Monday, March 09, 2009

Dive Number 5, The Channel, Goat Island Bay

We haven't been diving for a month. Where does the time go? Rain has been falling and wind blowing for the last two weeks - but a month? The forecast today is somewhat challenging for a small boat to make it around Cape Rodney, so we’ve decided to do the dreaded shore dive. It's not shore diving per se that were against, but rather the trudging of dive gear from the car; parking the car; and the sand that will inevitably infiltrate every crease of clothing, gear and skin. In two, or maybe 3, words, we’re fussy! As we heave our tanks onto our backs, the glass bottom boat skipper tells us, "it's horrible there." Encouraging. He explains,” the water's black.’ On most summer days, and every weekend, the glass bottom boat takes dozens of people for a journey through the reserve. They alight the boat full of anticipation, and disembark chattering about all the fish they’ve seen and the water clarity. He’s decided to forego any income and NOT take passengers out today. Nobody likes disappointment.

Sensible – they’ll see nothing. Ominous – we’ll see nothing.
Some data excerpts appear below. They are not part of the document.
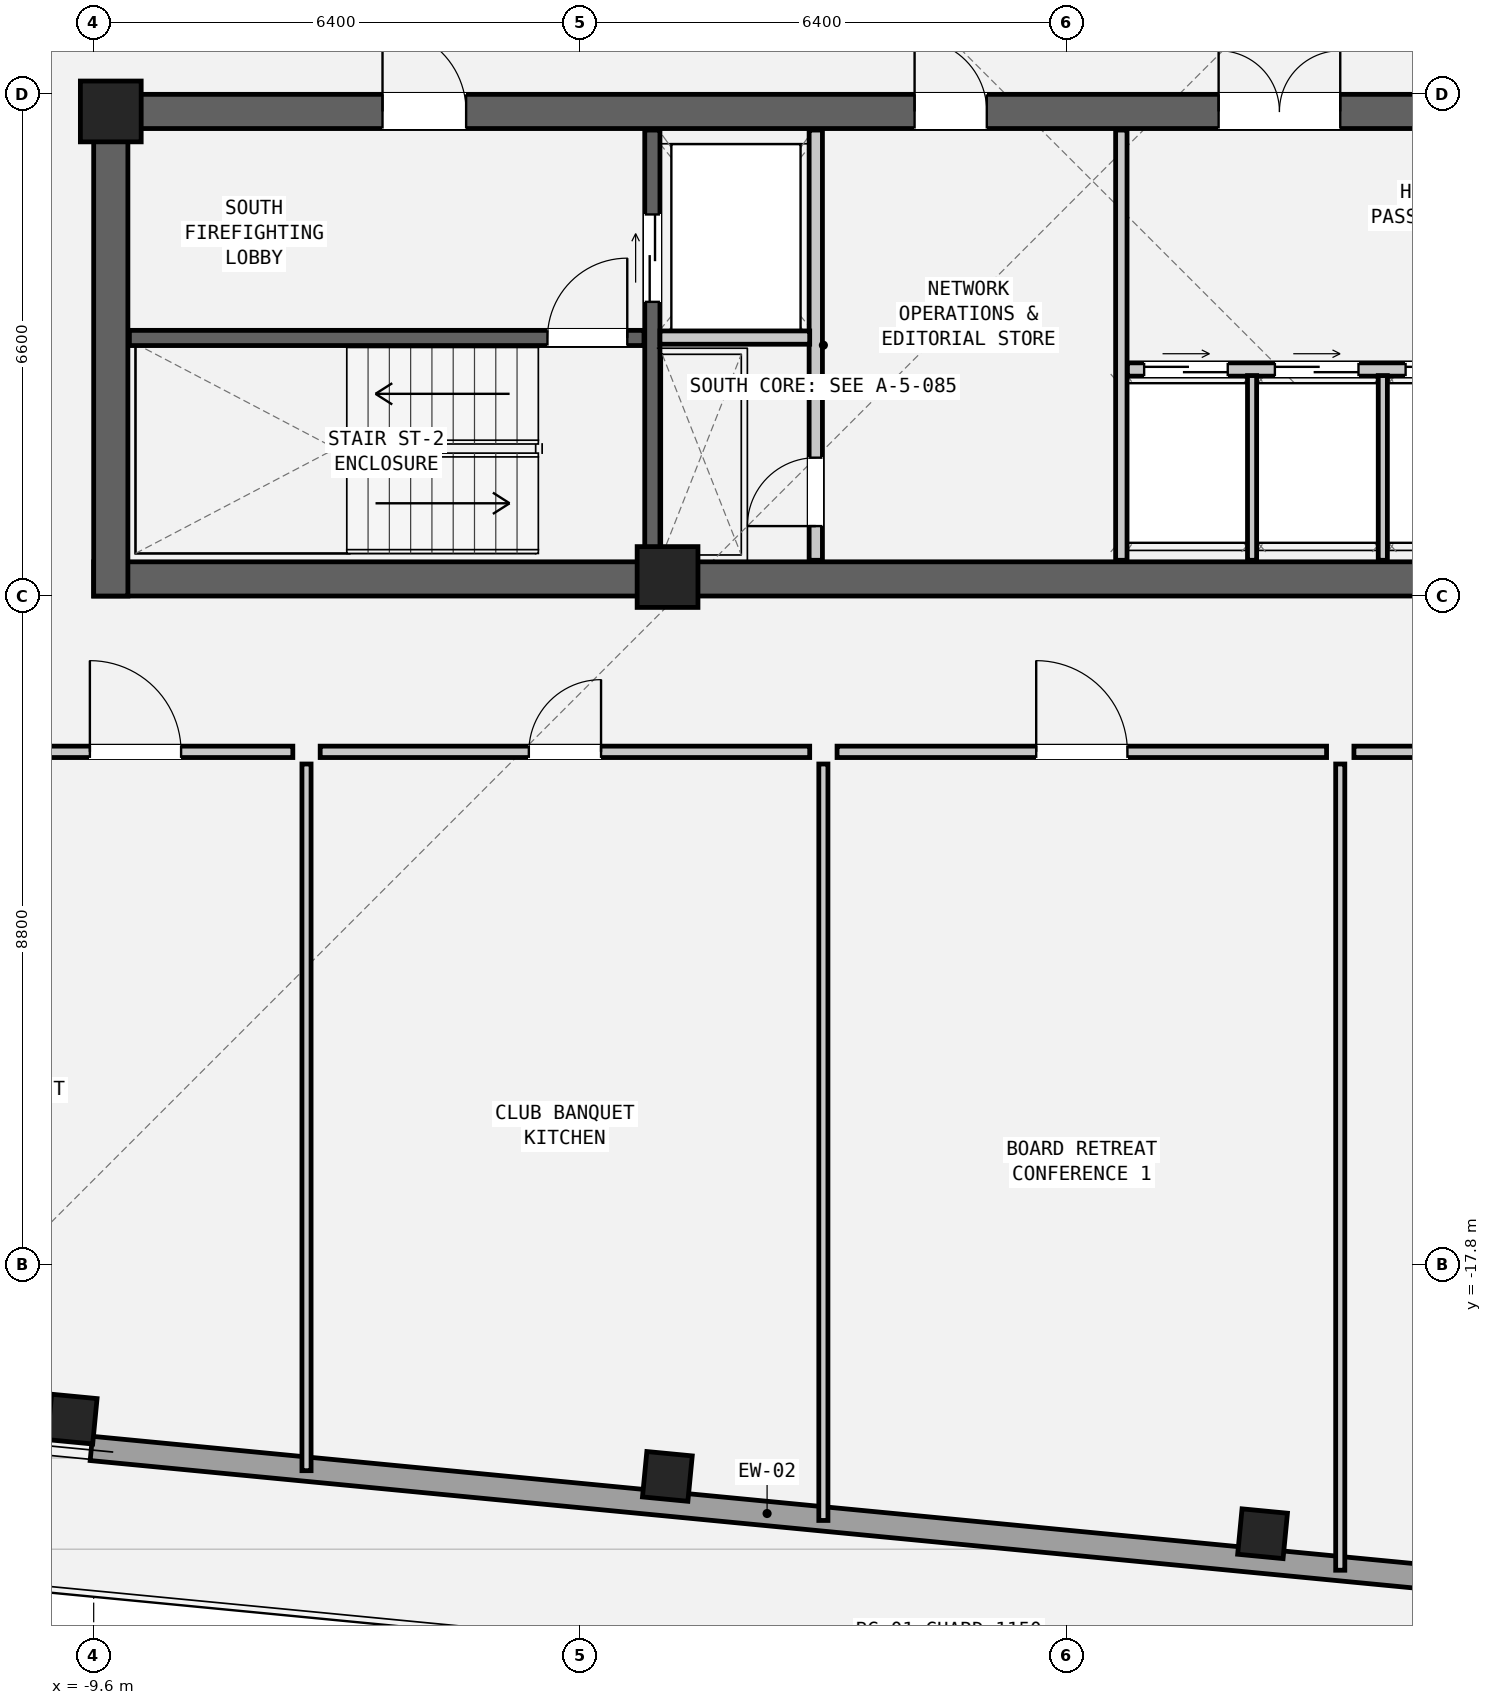
"""IFC4 building model, lengths in metres.
Left out: names, types, materials, properties, quantities, classifications, styles, units other than length and angle.
Written with IfcOpenShell. Run it as: python <this file> out.ifc"""

import sys

from ifc_helpers import new_model, si_unit, direction, frame, frame_2d, origin, origin_2d, place, context, subcontext, project, spatial, rectangle, hollow_rectangle, extrude, element, fill, save


model = new_model("IFC4")
c1 = context("Model", 3, precision=1e-05, world=origin(), true_north=direction((0.0, 1.0)))
c2 = subcontext(c1, "Body", "Model", "MODEL_VIEW")
j1 = project(units=[si_unit("LENGTHUNIT", "METRE"), si_unit("PLANEANGLEUNIT", "RADIAN")], contexts=[c1])
p1 = place(None, origin())
s1 = spatial("IfcSite", under=j1, at=p1, CompositionType="ELEMENT")
p2 = place(p1, origin())
s2 = spatial("IfcBuilding", under=s1, at=p2, CompositionType="ELEMENT")
p3 = place(p2, frame((0.0, 0.0, 276.95)))
s3 = spatial("IfcBuildingStorey", under=s2, at=p3, CompositionType="ELEMENT", Elevation=276.95)
p4 = place(p3, frame((-9.6, -8.775, 0.0), z_axis=(0.0, 0.0, 1.0), x_axis=(1.0, 0.0, 0.0)))
e1 = element("IfcWall", 1, at=p4, inside=s3, PredefinedType="SHEAR", context=c2, shape_type="SweptSolid", body=[
    extrude(rectangle(XDim=19.2, YDim=0.45, at=frame_2d((9.6, 0.0))), origin(), (0.0, 0.0, 1.0), 3.6),
])
p5 = place(p3, frame((-9.6, -2.625, 0.0), z_axis=(0.0, 0.0, 1.0), x_axis=(1.0, 0.0, 0.0)))
e2 = element("IfcWall", 2, at=p5, inside=s3, PredefinedType="SHEAR", context=c2, shape_type="SweptSolid", body=[
    extrude(rectangle(XDim=19.2, YDim=0.45, at=frame_2d((9.6, 0.0))), origin(), (0.0, 0.0, 1.0), 3.6),
])
p6 = place(p5, frame((3.8, 0.0, 0.0)))
e3 = element("IfcOpeningElement", 3, at=p6, cuts=e2, PredefinedType="OPENING", context=c2, shape_type="SweptSolid", body=[
    extrude(rectangle(XDim=1.1, YDim=2.08, at=frame_2d((0.55, 1.04))), frame((0.0, 0.237, 0.0), z_axis=(0.0, -1.0, 0.0), x_axis=(1.0, 0.0, 0.0)), (0.0, 0.0, 1.0), 0.474),
])
p7 = place(p5, frame((10.8, 0.0, 0.0)))
e4 = element("IfcOpeningElement", 4, at=p7, cuts=e2, PredefinedType="OPENING", context=c2, shape_type="SweptSolid", body=[
    extrude(rectangle(XDim=0.95, YDim=2.1, at=frame_2d((0.475, 1.05))), frame((0.0, 0.237, 0.0), z_axis=(0.0, -1.0, 0.0), x_axis=(1.0, 0.0, 0.0)), (0.0, 0.0, 1.0), 0.474),
])
p8 = place(p5, frame((14.8, 0.0, 0.0)))
e5 = element("IfcOpeningElement", 5, at=p8, cuts=e2, PredefinedType="OPENING", context=c2, shape_type="SweptSolid", body=[
    extrude(rectangle(XDim=1.6, YDim=2.12, at=frame_2d((0.8, 1.06))), frame((0.0, 0.237, 0.0), z_axis=(0.0, -1.0, 0.0), x_axis=(1.0, 0.0, 0.0)), (0.0, 0.0, 1.0), 0.474),
])
p9 = place(p3, frame((-9.375, -9.0, 0.0), z_axis=(0.0, 0.0, 1.0), x_axis=(0.0, 1.0, 0.0)))
e6 = element("IfcWall", 6, at=p9, inside=s3, PredefinedType="SHEAR", context=c2, shape_type="SweptSolid", body=[
    extrude(rectangle(XDim=6.6, YDim=0.45, at=frame_2d((3.3, 0.0))), origin(), (0.0, 0.0, 1.0), 3.6),
])
for number, where, z_axis, x_axis in (
    (7, (-9.883, -19.829, 0.0), (0.0, 0.0, 1.0), (0.995, -0.096, 0.0)),
    (8, (-2.052, -20.583, 0.0), (0.0, 0.0, 1.0), (0.995, -0.096, 0.0)),
    (9, (5.778, -21.336, 0.0), (0.0, 0.0, 1.0), (0.995, -0.096, 0.0)),
):
    element("IfcColumn", number, at=place(p3, frame(where, z_axis=z_axis, x_axis=x_axis)), inside=s3, PredefinedType="COLUMN", context=c2, shape_type="SweptSolid", body=[
        extrude(hollow_rectangle(XDim=0.6, YDim=0.6, WallThickness=0.04, at=origin_2d()), origin(), (0.0, 0.0, 1.0), 3.6),
    ])
for number, where, z_axis, x_axis in (
    (10, (-9.375, -2.625, 0.0), (0.0, 0.0, 1.0), (1.0, 0.0, 0.0)),
    (11, (-2.05, -8.75, 0.0), (0.0, 0.0, 1.0), (1.0, 0.0, 0.0)),
):
    element("IfcColumn", number, at=place(p3, frame(where, z_axis=z_axis, x_axis=x_axis)), inside=s3, PredefinedType="COLUMN", context=c2, shape_type="SweptSolid", body=[
        extrude(rectangle(XDim=0.8, YDim=0.8, at=origin_2d()), origin(), (0.0, 0.0, 1.0), 3.6),
    ])
p10 = place(p3, frame((13.287, -22.421, 0.0), z_axis=(0.0, 0.0, 1.0), x_axis=(-0.995396042099, 0.095847375411, 0.0)))
e12 = element("IfcWall", 12, at=p10, inside=s3, PredefinedType="SOLIDWALL", context=c2, shape_type="SweptSolid", body=[
    extrude(rectangle(XDim=23.024, YDim=0.32, at=frame_2d((11.512, 0.0))), origin(), (0.0, 0.0, 1.0), 2.984),
])
p11 = place(p10, frame((3.811, 0.0, 0.0)))
e13 = element("IfcOpeningElement", 13, at=p11, cuts=e12, PredefinedType="OPENING", context=c2, shape_type="SweptSolid", body=[
    extrude(rectangle(XDim=1.25, YDim=2.02, at=frame_2d((0.625, 1.01))), frame((0.0, 0.172, 0.0), z_axis=(0.0, -1.0, 0.0), x_axis=(1.0, 0.0, 0.0)), (0.0, 0.0, 1.0), 0.344),
])
p12 = place(p3, frame((-9.13, -5.605, 0.0), z_axis=(0.0, 0.0, 1.0), x_axis=(1.0, 0.0, 0.0)))
e14 = element("IfcWall", 14, at=p12, inside=s3, PredefinedType="SHEAR", context=c2, shape_type="SweptSolid", body=[
    extrude(rectangle(XDim=6.77, YDim=0.2, at=frame_2d((3.385, 0.0))), origin(), (0.0, 0.0, 1.0), 3.41),
])
p13 = place(p12, frame((5.5, 0.0, 0.0)))
e15 = element("IfcOpeningElement", 15, at=p13, cuts=e14, PredefinedType="OPENING", context=c2, shape_type="SweptSolid", body=[
    extrude(rectangle(XDim=1.05, YDim=2.08, at=frame_2d((0.525, 1.04))), frame((0.0, 0.112, 0.0), z_axis=(0.0, -1.0, 0.0), x_axis=(1.0, 0.0, 0.0)), (0.0, 0.0, 1.0), 0.224),
])
p14 = place(p3, frame((-2.25, -8.53, 0.0), z_axis=(0.0, 0.0, 1.0), x_axis=(0.0, 1.0, 0.0)))
e16 = element("IfcWall", 16, at=p14, inside=s3, PredefinedType="SHEAR", context=c2, shape_type="SweptSolid", body=[
    extrude(rectangle(XDim=5.66, YDim=0.2, at=frame_2d((2.83, 0.0))), origin(), (0.0, 0.0, 1.0), 3.41),
])
p15 = place(p14, frame((3.4, 0.0, 0.0)))
e17 = element("IfcOpeningElement", 17, at=p15, cuts=e16, PredefinedType="OPENING", context=c2, shape_type="SweptSolid", body=[
    extrude(rectangle(XDim=1.15, YDim=2.08, at=frame_2d((0.575, 1.04))), frame((0.0, 0.112, 0.0), z_axis=(0.0, -1.0, 0.0), x_axis=(1.0, 0.0, 0.0)), (0.0, 0.0, 1.0), 0.224),
])
p16 = place(p3, frame((-0.1, -8.53, 0.0), z_axis=(0.0, 0.0, 1.0), x_axis=(0.0, 1.0, 0.0)))
e18 = element("IfcWall", 18, at=p16, inside=s3, PredefinedType="PARTITIONING", context=c2, shape_type="SweptSolid", body=[
    extrude(rectangle(XDim=5.66, YDim=0.175, at=frame_2d((2.83, 0.0))), origin(), (0.0, 0.0, 1.0), 3.41),
])
p17 = place(p16, frame((0.45, 0.0, 0.0)))
e19 = element("IfcOpeningElement", 19, at=p17, cuts=e18, PredefinedType="OPENING", context=c2, shape_type="SweptSolid", body=[
    extrude(rectangle(XDim=0.9, YDim=2.05, at=frame_2d((0.45, 1.025))), frame((0.0, 0.1, 0.0), z_axis=(0.0, -1.0, 0.0), x_axis=(1.0, 0.0, 0.0)), (0.0, 0.0, 1.0), 0.199),
])
p18 = place(p3, frame((-2.15, -5.6, 0.0), z_axis=(0.0, 0.0, 1.0), x_axis=(1.0, 0.0, 0.0)))
e20 = element("IfcWall", 20, at=p18, inside=s3, PredefinedType="PARTITIONING", context=c2, shape_type="SweptSolid", body=[
    extrude(rectangle(XDim=1.97, YDim=0.175, at=frame_2d((0.985, 0.0))), origin(), (0.0, 0.0, 1.0), 3.41),
])
p19 = place(p3, frame((3.92, -8.53, 0.0), z_axis=(0.0, 0.0, 1.0), x_axis=(0.0, 1.0, 0.0)))
e21 = element("IfcWall", 21, at=p19, inside=s3, PredefinedType="PARTITIONING", context=c2, shape_type="SweptSolid", body=[
    extrude(rectangle(XDim=5.66, YDim=0.15, at=frame_2d((2.83, 0.0))), origin(), (0.0, 0.0, 1.0), 3.41),
])
p20 = place(p3, frame((4.0, -6.02, 0.0), z_axis=(0.0, 0.0, 1.0), x_axis=(1.0, 0.0, 0.0)))
e22 = element("IfcWall", 22, at=p20, inside=s3, PredefinedType="PARTITIONING", context=c2, shape_type="SweptSolid", body=[
    extrude(rectangle(XDim=5.13, YDim=0.175, at=frame_2d((2.565, 0.0))), origin(), (0.0, 0.0, 1.0), 3.41),
])
p21 = place(p20, frame((0.22, 0.0, 0.0)))
e23 = element("IfcOpeningElement", 23, at=p21, cuts=e22, PredefinedType="OPENING", context=c2, shape_type="SweptSolid", body=[
    extrude(rectangle(XDim=1.1, YDim=2.06, at=frame_2d((0.55, 1.03))), frame((0.0, 0.1, 0.0), z_axis=(0.0, -1.0, 0.0), x_axis=(1.0, 0.0, 0.0)), (0.0, 0.0, 1.0), 0.199),
])
p22 = place(p20, frame((1.94, 0.0, 0.0)))
e24 = element("IfcOpeningElement", 24, at=p22, cuts=e22, PredefinedType="OPENING", context=c2, shape_type="SweptSolid", body=[
    extrude(rectangle(XDim=1.1, YDim=2.06, at=frame_2d((0.55, 1.03))), frame((0.0, 0.1, 0.0), z_axis=(0.0, -1.0, 0.0), x_axis=(1.0, 0.0, 0.0)), (0.0, 0.0, 1.0), 0.199),
])
p23 = place(p20, frame((3.66, 0.0, 0.0)))
e25 = element("IfcOpeningElement", 25, at=p23, cuts=e22, PredefinedType="OPENING", context=c2, shape_type="SweptSolid", body=[
    extrude(rectangle(XDim=1.1, YDim=2.06, at=frame_2d((0.55, 1.03))), frame((0.0, 0.1, 0.0), z_axis=(0.0, -1.0, 0.0), x_axis=(1.0, 0.0, 0.0)), (0.0, 0.0, 1.0), 0.199),
])
for number, where, z_axis, x_axis in (
    (26, (5.64, -8.53, 0.0), (0.0, 0.0, 1.0), (0.0, 1.0, 0.0)),
    (27, (7.36, -8.53, 0.0), (0.0, 0.0, 1.0), (0.0, 1.0, 0.0)),
):
    element("IfcWall", number, at=place(p3, frame(where, z_axis=z_axis, x_axis=x_axis)), inside=s3, PredefinedType="PARTITIONING", context=c2, shape_type="SweptSolid", body=[
        extrude(rectangle(XDim=2.43, YDim=0.12, at=frame_2d((1.215, 0.0))), origin(), (0.0, 0.0, 1.0), 3.41),
    ])
p24 = place(p3, frame((-6.8, -20.507, 0.0), z_axis=(0.0, 0.0, 1.0), x_axis=(0.0, 1.0, 0.0)))
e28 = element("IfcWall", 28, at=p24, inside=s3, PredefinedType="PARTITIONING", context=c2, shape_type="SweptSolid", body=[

We HAVE to get in the water, we’ve come too far to repack the car with dry gear. The water is darker than tea. Tannins have leeched from the copious seaweed that lies tangled along the beach. Further evidence of the last weeks’ storms. The seaweed is up to 40 cm thick in places and very spongy underfoot.

Of course, the glass bottom boat skipper is right. We can’t see anything. Not a thing. Not even each other. It’s diving by Braille. We optimistically head out into the Bay - side-by-side and holding hands. Nothing romantic, just self preservation you understand. If we lose contact we will almost certainly not find each other again, especially underwater. The water does eventually clear and we head out to sea through the channel where the visibility is drastically improved. It’s now a consistent two metres, even three in places. No need to hold hands now – besides Darryl is keen to try to salvage some pictures out of this dive. And he needs two hands to do that.

We stumble across a couple of eagle rays that scamper away quickly into the doom and a school of parore sweep past. All kinds of shells and small animals are scavenging amongst the rubble and kelp. Some, like tiny nudibranches are struggling to hold on. Nevertheless they seem to be on patrol – they are scattered all over the seafloor. Darryl hasn’t even noticed the little stuff. I’ve never seen quite so many clown nudibranches at Goat Island Bay, and wish I had a macro camera. In fact, I wish I had my own housing and camera. I do, but it shoots film and we don’t shoot film anymore! Darryl, predictably, has a wide angle lens on his camera. I notice that Darryl is attracting a collection of snapper . Six pretty mature fish are following behind him as dutifully as I am. I’m sure they are not as dependent on his navigational skills as I. Silently, I muse whether this is pure animal magnetism or just his funky split fins. ( I don’t have a pair of those either!)